Schooling and Child Protection from Children’s Perspectives.
Schooling and Child Protection from Children’s Perspectives.
Wednesday, 9 July 2025: 09:15
Location: FSE006 (Faculty of Education Sciences (FSE))
Oral Presentation
While all children learn through experience, in a range of interconnected and influential contexts, like school, home and community, there is a staunch assumption that school is a strong protective factor for children’s well-being. However, it is important to understand how children who have experienced trauma experience well-being in educational settings. Research on children’s experiences of school when they are unsafe in other contexts is limited. There is evidence that children who are unsafe at home, underachieve academically as students. However, a deeper consideration is needed on how safety at school is constructed and might exacerbate or support the well-being of children who are exposed to violence, neglect and/or living in out-of-home care. This paper presents a theoretical discussion of how children construct safety at school, and other socio-political imperatives that drive social constructions of safety at school.
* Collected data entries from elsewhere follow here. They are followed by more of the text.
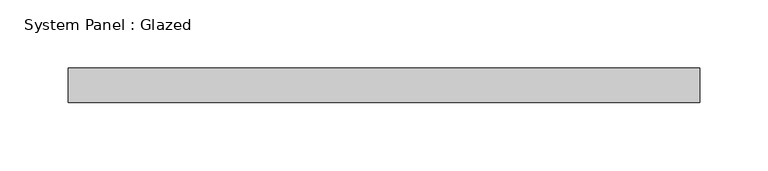
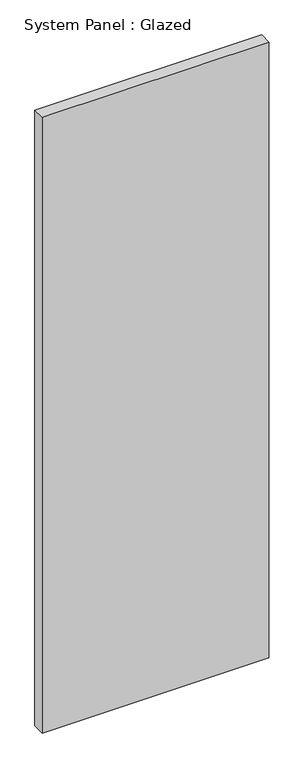
"""IFC4 building model written with IfcOpenShell, lengths in millimetres: plate geometry, System Panel : Glazed."""

from ifc_helpers import new_model, si_unit, origin, origin_with_axes, place, context, project, spatial, polyline, outline, extrude, source, transform, mapped, element, save


def system_panel_glazed_59e6c1d1(model_context):
    return source(origin(), model_context, "Body", "SweptSolid", [
        extrude(outline(polyline([(231.775, 19.05), (-231.775, 19.05), (-231.775, 44.45), (231.775, 44.45), (231.775, 19.05)])), origin_with_axes(), (0.0, 0.0, 1.0), 1330.6985165),
    ])


if __name__ == "__main__":
    model = new_model("IFC4")
    model_context = context("Model", 3, world=origin())
    ifc_project = project(units=[si_unit("LENGTHUNIT", "METRE", prefix="MILLI")], contexts=[model_context])
    site = spatial("IfcSite", under=ifc_project)
    building = spatial("IfcBuilding", under=site)
    placement = place(None, origin())
    system_panel_glazed_shape = system_panel_glazed_59e6c1d1(model_context)
    element("IfcPlate", 1, ObjectType="System Panel : Glazed", at=placement, inside=building, context=model_context, shape_type="MappedRepresentation", body=[
        mapped(system_panel_glazed_shape, transform((0.0, 0.0, 0.0), x_axis=(1.0, 0.0, 0.0), y_axis=(0.0, 1.0, 0.0), z_axis=(0.0, 0.0, 1.0))),
    ])
    save(model, "model.ifc")

# Revit data of these elements
# Type "System Panel : Glazed"
#   Construction Type Id = "GSP4R"
#   Analytic Construction = "1/8 in Pilkington single glazing"
#   Visual Light Transmittance = 0.9
#   Solar Heat Gain Coefficient = 0.86
#   Heat Transfer Coefficient (U) = 1.18115 BTU/(h·ft²·°F)
#   Define Thermal Properties by = 1
# Element 1 (IfcPlate, "System Panel : Glazed")
#   Materials on its faces: "Glass"
# Materials
#   "Glass": class "Glass", colour RGB 0 128 192, transparency 0.75, Description = "Soda Lime Glass", Cost = 0

It compares the dominant approaches of education as means to future well-being with an appreciation of academic achievement as an end goal resulting from well-being. It challenges the idea that school is always constructed as a positive learning environment and safe haven providing comfort and stimulation from violence in the home, through physical environment and relationships. It presents the experiences of traumatised children who describe school as a multifaceted and inherently risky institution. An institution where children’s agency is needed to navigate safety with peers, safety with adults, and safety in physical spaces that can replicate unsafe experiences in other contexts of their lives. The implications of this analysis indicate that children’s constructs of school-related safety, are essential. They need to be prioritised in educational policy to access the untapped potential for learning contexts to counter the impacts of violence on children. Furthermore, they invite a more integrated and dynamic discourse of schooling and children’s well-being.